Originally Posted by mb.pejvak

total viscous force is outcome of all friction force in all cells. you can not certainly say exact direction of the force and I think it differ from case to case.
I think you can find your answer in " fundamental of aerodynamics" by J.D. Anderson in section 1-5.
If you can not find it, let me know to sed it to you.

Dear Pejvak

Thank you for replying my question, I checked this book, it was a really good suggestion, and came in handy. But as you see from the picture which I've attached from this book, page17 third edition, you can see that the author have specified a certain direction for shear stress both on upper and lower surface of the cylinder. So now, my question is about the way the author determined the direction of the tangential forces on the airfoil surface, I can not understand why this is so?
also I have the same question about a circular cylinder when the flow is unsteady over it. I mean when it has natural shedding...how can we specify the direction of shear stress on the cylinder surface?
I hope I expressed what I mean clearly.

Thanks for your time and help
regards,

mb.pejvak · November 7, 2012, 03:24

Dear Mahzad;
I can not understand what you mean, but if you mean how the direction of friction force is determined? first of all, this figure you mentioned is schematically shows the friction and pressure force and these forces depend on coordination (x,y) and due to this reason, we called CF(x). lift and drag forces have specific directions (parallel and perpendicular to Vinf), but for friction and pressure forces are tangential and normal to the surface in each points.
I hope I can convey my purpose.

michujo · November 7, 2012, 03:34

Hi, the total force due to skin friction on the body surface is the "sum" of all the friction force acting on each surface element of the body (so you have to integrate the friction force vector over the whole surface to obtain the resultant friction force). The direction of each elementary skin friction force contribution is, as you just said, tangential to the body. If you know the geometry of your body you know what is the direction of a vector tangential to the body at every point on its surface, therefore you know what are the components in the x and y axis (cos(angle) and sin(angle) respectively, right?).

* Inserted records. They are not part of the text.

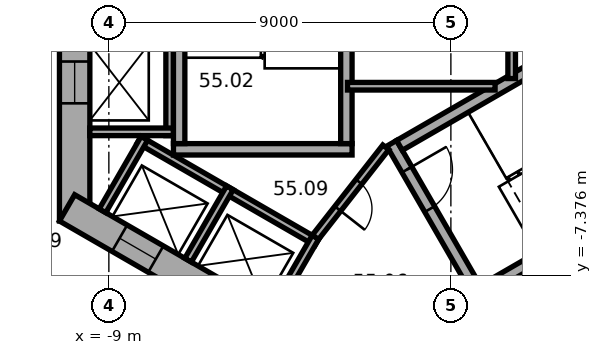
"""IFC4 building model, lengths in metres.
Left out: names, types, materials, properties, quantities, classifications, styles, units other than length and angle.
Written with IfcOpenShell. Run it as: python <this file> out.ifc"""

import sys

from ifc_helpers import new_model, si_unit, direction, frame, frame_2d, origin, place, context, subcontext, project, spatial, rectangle, extrude, element, fill, save


model = new_model("IFC4")
c1 = context("Model", 3, precision=1e-05, world=origin(), true_north=direction((0.0, 1.0)))
c2 = subcontext(c1, "Body", "Model", "MODEL_VIEW")
j1 = project(units=[si_unit("LENGTHUNIT", "METRE"), si_unit("PLANEANGLEUNIT", "RADIAN")], contexts=[c1])
p1 = place(None, origin())
s1 = spatial("IfcSite", under=j1, at=p1, CompositionType="ELEMENT")
p2 = place(p1, origin())
s2 = spatial("IfcBuilding", under=s1, at=p2, CompositionType="ELEMENT")
p3 = place(p2, frame((0.0, 0.0, 225.4)))
s3 = spatial("IfcBuildingStorey", under=s2, at=p3, CompositionType="ELEMENT", Elevation=225.4)
p4 = place(p3, frame((-9.9, 5.947, 0.0), z_axis=(0.0, 0.0, 1.0), x_axis=(0.0, -1.0, 0.0)))
e1 = element("IfcWall", 1, at=p4, inside=s3, PredefinedType="SHEAR", context=c2, shape_type="SweptSolid", body=[
    extrude(rectangle(XDim=11.894, YDim=0.8, at=frame_2d((5.947, 0.0))), origin(), (0.0, 0.0, 1.0), 3.7),
])
p5 = place(p4, frame((5.097, 0.0, 0.0)))
e2 = element("IfcOpeningElement", 2, at=p5, cuts=e1, PredefinedType="OPENING", context=c2, shape_type="SweptSolid", body=[
    extrude(rectangle(XDim=1.1, YDim=2.1, at=frame_2d((0.55, 1.05))), frame((0.0, 0.41, 0.0), z_axis=(0.0, -1.0, 0.0), x_axis=(1.0, 0.0, 0.0)), (0.0, 0.0, 1.0), 0.82),
])
p6 = place(p4, frame((7.697, 0.0, 0.0)))
e3 = element("IfcOpeningElement", 3, at=p6, cuts=e1, PredefinedType="OPENING", context=c2, shape_type="SweptSolid", body=[
    extrude(rectangle(XDim=1.1, YDim=2.1, at=frame_2d((0.55, 1.05))), frame((0.0, 0.41, 0.0), z_axis=(0.0, -1.0, 0.0), x_axis=(1.0, 0.0, 0.0)), (0.0, 0.0, 1.0), 0.82),
])
p7 = place(p3, frame((-10.1, -5.6, 0.0), z_axis=(0.0, 0.0, 1.0), x_axis=(0.866023897231, -0.500002609418, 0.0)))
e4 = element("IfcWall", 4, at=p7, inside=s3, PredefinedType="SHEAR", context=c2, shape_type="SweptSolid", body=[
    extrude(rectangle(XDim=11.894, YDim=0.8, at=frame_2d((5.947, 0.0))), origin(), (0.0, 0.0, 1.0), 3.7),
])
p8 = place(p7, frame((6.147, 0.0, 0.0)))
e5 = element("IfcOpeningElement", 5, at=p8, cuts=e4, PredefinedType="OPENING", context=c2, shape_type="SweptSolid", body=[
    extrude(rectangle(XDim=1.5, YDim=2.1, at=frame_2d((0.75, 1.05))), frame((0.0, 0.41, 0.0), z_axis=(0.0, -1.0, 0.0), x_axis=(1.0, 0.0, 0.0)), (0.0, 0.0, 1.0), 0.82),
])
p9 = place(p7, frame((1.597, 0.0, 0.0)))
e6 = element("IfcOpeningElement", 6, at=p9, cuts=e4, PredefinedType="OPENING", context=c2, shape_type="SweptSolid", body=[
    extrude(rectangle(XDim=1.1, YDim=2.1, at=frame_2d((0.55, 1.05))), frame((0.0, 0.41, 0.0), z_axis=(0.0, -1.0, 0.0), x_axis=(1.0, 0.0, 0.0)), (0.0, 0.0, 1.0), 0.82),
])
p10 = place(p7, frame((4.197, 0.0, 0.0)))
e7 = element("IfcOpeningElement", 7, at=p10, cuts=e4, PredefinedType="OPENING", context=c2, shape_type="SweptSolid", body=[
    extrude(rectangle(XDim=1.1, YDim=2.1, at=frame_2d((0.55, 1.05))), frame((0.0, 0.41, 0.0), z_axis=(0.0, -1.0, 0.0), x_axis=(1.0, 0.0, 0.0)), (0.0, 0.0, 1.0), 0.82),
])
p11 = place(p3, frame((-0.2, -11.547, 0.0), z_axis=(0.0, 0.0, 1.0), x_axis=(0.866023897231, 0.500002609418, 0.0)))
e8 = element("IfcWall", 8, at=p11, inside=s3, PredefinedType="SHEAR", context=c2, shape_type="SweptSolid", body=[
    extrude(rectangle(XDim=11.894, YDim=0.8, at=frame_2d((5.947, 0.0))), origin(), (0.0, 0.0, 1.0), 3.7),
])
p12 = place(p11, frame((2.497, 0.0, 0.0)))
e9 = element("IfcOpeningElement", 9, at=p12, cuts=e8, PredefinedType="OPENING", context=c2, shape_type="SweptSolid", body=[
    extrude(rectangle(XDim=1.1, YDim=2.1, at=frame_2d((0.55, 1.05))), frame((0.0, 0.41, 0.0), z_axis=(0.0, -1.0, 0.0), x_axis=(1.0, 0.0, 0.0)), (0.0, 0.0, 1.0), 0.82),
])
p13 = place(p11, frame((5.097, 0.0, 0.0)))
e10 = element("IfcOpeningElement", 10, at=p13, cuts=e8, PredefinedType="OPENING", context=c2, shape_type="SweptSolid", body=[
    extrude(rectangle(XDim=1.1, YDim=2.1, at=frame_2d((0.55, 1.05))), frame((0.0, 0.41, 0.0), z_axis=(0.0, -1.0, 0.0), x_axis=(1.0, 0.0, 0.0)), (0.0, 0.0, 1.0), 0.82),
])
p14 = place(p11, frame((7.697, 0.0, 0.0)))
e11 = element("IfcOpeningElement", 11, at=p14, cuts=e8, PredefinedType="OPENING", context=c2, shape_type="SweptSolid", body=[
    extrude(rectangle(XDim=1.1, YDim=2.1, at=frame_2d((0.55, 1.05))), frame((0.0, 0.41, 0.0), z_axis=(0.0, -1.0, 0.0), x_axis=(1.0, 0.0, 0.0)), (0.0, 0.0, 1.0), 0.82),
])
p15 = place(p3, frame((-7.4, 4.3, 0.0), z_axis=(0.0, 0.0, 1.0), x_axis=(0.0, -1.0, 0.0)))
e12 = element("IfcWall", 12, at=p15, inside=s3, PredefinedType="PARTITIONING", context=c2, shape_type="SweptSolid", body=[
    extrude(rectangle(XDim=8.0, YDim=0.2, at=frame_2d((4.0, 0.0))), origin(), (0.0, 0.0, 1.0), 3.42),
])
p16 = place(p3, frame((-7.3, -3.6, 0.0), z_axis=(0.0, 0.0, 1.0), x_axis=(-1.0, 0.0, 0.0)))
e13 = element("IfcWall", 13, at=p16, inside=s3, PredefinedType="PARTITIONING", context=c2, shape_type="SweptSolid", body=[
    extrude(rectangle(XDim=2.2, YDim=0.2, at=frame_2d((1.1, 0.0))), origin(), (0.0, 0.0, 1.0), 3.42),
])
p17 = place(p3, frame((-8.203, -3.809, 0.0), z_axis=(0.0, 0.0, 1.0), x_axis=(0.866028230842, -0.499995103361, 0.0)))
e14 = element("IfcWall", 14, at=p17, inside=s3, PredefinedType="PARTITIONING", context=c2, shape_type="SweptSolid", body=[
    extrude(rectangle(XDim=5.4, YDim=0.2, at=frame_2d((2.7, 0.0))), origin(), (0.0, 0.0, 1.0), 3.42),
])
for number, where, z_axis, x_axis in (
    (15, (-8.067, -3.772, 0.0), (0.0, 0.0, 1.0), (-0.5, -0.866, 0.0)),
    (16, (-5.815, -5.072, 0.0), (0.0, 0.0, 1.0), (-0.5, -0.866, 0.0)),
):
    element("IfcWall", number, at=place(p3, frame(where, z_axis=z_axis, x_axis=x_axis)), inside=s3, PredefinedType="PARTITIONING", context=c2, shape_type="SweptSolid", body=[
        extrude(rectangle(XDim=2.2, YDim=0.2, at=frame_2d((1.1, 0.0))), origin(), (0.0, 0.0, 1.0), 3.42),
    ])
p18 = place(p3, frame((-3.563, -6.372, 0.0), z_axis=(0.0, 0.0, 1.0), x_axis=(-0.499994660107, -0.866028486751, 0.0)))
e17 = element("IfcWall", 17, at=p18, inside=s3, PredefinedType="PARTITIONING", context=c2, shape_type="SweptSolid", body=[
    extrude(rectangle(XDim=2.2, YDim=0.2, at=frame_2d((1.1, 0.0))), origin(), (0.0, 0.0, 1.0), 3.42),
])
p19 = place(p3, frame((-0.024, -8.559, 0.0), z_axis=(0.0, 0.0, 1.0), x_axis=(0.866026010844, 0.49999894854, 0.0)))
e18 = element("IfcWall", 18, at=p19, inside=s3, PredefinedType="PARTITIONING", context=c2, shape_type="SweptSolid", body=[
    extrude(rectangle(XDim=8.0, YDim=0.2, at=frame_2d((4.0, 0.0))), origin(), (0.0, 0.0, 1.0), 3.42),
])
p20 = place(p3, frame((-2.6, -4.06, 0.0), z_axis=(0.0, 0.0, 1.0), x_axis=(-1.0, 0.0, 0.0)))
e19 = element("IfcWall", 19, at=p20, inside=s3, PredefinedType="SHEAR", context=c2, shape_type="SweptSolid", body=[
    extrude(rectangle(XDim=4.7, YDim=0.3, at=frame_2d((2.35, 0.0))), origin(), (0.0, 0.0, 1.0), 3.42),
])
for number, where, z_axis, x_axis in (
    (20, (-2.75, 3.15, 0.0), (0.0, 0.0, 1.0), (0.0, -1.0, 0.0)),
    (21, (-7.15, 3.15, 0.0), (0.0, 0.0, 1.0), (0.0, -1.0, 0.0)),
):
    element("IfcWall", number, at=place(p3, frame(where, z_axis=z_axis, x_axis=x_axis)), inside=s3, PredefinedType="SHEAR", context=c2, shape_type="SweptSolid", body=[
        extrude(rectangle(XDim=7.06, YDim=0.3, at=frame_2d((3.53, 0.0))), origin(), (0.0, 0.0, 1.0), 3.42),
    ])
p21 = place(p3, frame((-1.558, -3.902, 0.0), z_axis=(0.0, 0.0, 1.0), x_axis=(0.499977259774, -0.866038532462, 0.0)))
e22 = element("IfcWall", 22, at=p21, inside=s3, PredefinedType="SHEAR", context=c2, shape_type="SweptSolid", body=[
    extrude(rectangle(XDim=4.7, YDim=0.3, at=frame_2d((2.35, 0.0))), origin(), (0.0, 0.0, 1.0), 3.42),
])
p22 = place(p21, frame((0.8, 0.0, 0.0)))
e23 = element("IfcOpeningElement", 23, at=p22, cuts=e22, PredefinedType="OPENING", context=c2, shape_type="SweptSolid", body=[
    extrude(rectangle(XDim=1.2, YDim=2.1, at=frame_2d((0.6, 1.05))), frame((0.0, 0.16, 0.0), z_axis=(0.0, -1.0, 0.0), x_axis=(1.0, 0.0, 0.0)), (0.0, 0.0, 1.0), 0.32),
])
for number, where, z_axis, x_axis in (
    (24, (-1.353, -3.957, 0.0), (0.0, 0.0, 1.0), (0.866, 0.5, 0.0)),
    (25, (0.847, -7.767, 0.0), (0.0, 0.0, 1.0), (0.866, 0.5, 0.0)),
):
    element("IfcWall", number, at=place(p3, frame(where, z_axis=z_axis, x_axis=x_axis)), inside=s3, PredefinedType="SHEAR", context=c2, shape_type="SweptSolid", body=[
        extrude(rectangle(XDim=7.06, YDim=0.3, at=frame_2d((3.53, 0.0))), origin(), (0.0, 0.0, 1.0), 3.42),
    ])
p23 = place(p3, frame((-1.712, -4.008, 0.0), z_axis=(0.0, 0.0, 1.0), x_axis=(-0.616549420702, -0.787316208287, 0.0)))
e26 = element("IfcWall", 26, at=p23, inside=s3, PredefinedType="PARTITIONING", context=c2, shape_type="SweptSolid", body=[
    extrude(rectangle(XDim=3.002, YDim=0.2, at=frame_2d((1.501, 0.0))), origin(), (0.0, 0.0, 1.0), 3.42),
])
p24 = place(p23, frame((1.15, 0.0, 0.0)))
e27 = element("IfcOpeningElement", 27, at=p24, cuts=e26, PredefinedType="OPENING", context=c2, shape_type="SweptSolid", body=[
    extrude(rectangle(XDim=0.9, YDim=2.1, at=frame_2d((0.45, 1.05))), frame((0.0, 0.11, 0.0), z_axis=(0.0, -1.0, 0.0), x_axis=(1.0, 0.0, 0.0)), (0.0, 0.0, 1.0), 0.22),
])
p25 = place(p3, frame((-2.72, -2.4, 0.0), z_axis=(0.0, 0.0, 1.0), x_axis=(1.0, 0.0, 0.0)))
e28 = element("IfcWall", 28, at=p25, inside=s3, PredefinedType="PARTITIONING", context=c2, shape_type="SweptSolid", body=[
    extrude(rectangle(XDim=3.883, YDim=0.2, at=frame_2d((1.941, 0.0))), origin(), (0.0, 0.0, 1.0), 3.42),
])
p26 = place(p3, frame((1.6, -2.198, 0.0), z_axis=(0.0, 0.0, 1.0), x_axis=(0.0, 1.0, 0.0)))
e29 = element("IfcWall", 29, at=p26, inside=s3, PredefinedType="PARTITIONING", context=c2, shape_type="SweptSolid", body=[
    extrude(rectangle(XDim=4.397, YDim=0.2, at=frame_2d((2.198, 0.0))), origin(), (0.0, 0.0, 1.0), 3.42),
])
p27 = place(p22, origin())
e30 = element("IfcDoor", 30, at=p27, inside=s3, OperationType="SINGLE_SWING_RIGHT", PredefinedType="DOOR", context=c2, shape_type="SweptSolid", body=[
    extrude(rectangle(XDim=1.2, YDim=2.1, at=frame_2d((0.6, 1.05))), frame((0.0, 0.025, 0.0), z_axis=(0.0, -1.0, 0.0), x_axis=(1.0, 0.0, 0.0)), (0.0, 0.0, 1.0), 0.05),
])
fill(e23, e30)
p28 = place(p24, origin())
e31 = element("IfcDoor", 31, at=p28, inside=s3, OperationType="SINGLE_SWING_LEFT", PredefinedType="DOOR", context=c2, shape_type="SweptSolid", body=[
    extrude(rectangle(XDim=0.9, YDim=2.1, at=frame_2d((0.45, 1.05))), frame((0.0, 0.025, 0.0), z_axis=(0.0, -1.0, 0.0), x_axis=(1.0, 0.0, 0.0)), (0.0, 0.0, 1.0), 0.05),
])
fill(e27, e31)
p29 = place(p6, origin())
e32 = element("IfcDoor", 32, at=p29, inside=s3, OperationType="DOUBLE_DOOR_SLIDING", PredefinedType="DOOR", context=c2, shape_type="SweptSolid", body=[
    extrude(rectangle(XDim=1.1, YDim=2.1, at=frame_2d((0.55, 1.05))), frame((0.0, 0.025, 0.0), z_axis=(0.0, -1.0, 0.0), x_axis=(1.0, 0.0, 0.0)), (0.0, 0.0, 1.0), 0.05),
])
fill(e3, e32)
p30 = place(p9, origin())
e33 = element("IfcDoor", 33, at=p30, inside=s3, OperationType="DOUBLE_DOOR_SLIDING", PredefinedType="DOOR", context=c2, shape_type="SweptSolid", body=[
    extrude(rectangle(XDim=1.1, YDim=2.1, at=frame_2d((0.55, 1.05))), frame((0.0, 0.025, 0.0), z_axis=(0.0, -1.0, 0.0), x_axis=(1.0, 0.0, 0.0)), (0.0, 0.0, 1.0), 0.05),
])
fill(e6, e33)
save(model, sys.argv[1])

$\vec{F}_{friction}=F_x \cdot \vec{i}+F_y \cdot \vec{j}=\int{\tau \cdot d\vec{A}} \approx \sum{blabla}$

Is this what you were asking?

Cheers,
Michujo.

mahzad · November 7, 2012, 05:25

Quote:

Originally Posted by michujo

Hi, the total force due to skin friction on the body surface is the "sum" of all the friction force acting on each surface element of the body (so you have to integrate the friction force vector over the whole surface to obtain the resultant friction force). The direction of each elementary skin friction force contribution is, as you just said, tangential to the body. If you know the geometry of your body you know what is the direction of a vector tangential to the body at every point on its surface, therefore you know what are the components in the x and y axis (cos(angle) and sin(angle) respectively, right?).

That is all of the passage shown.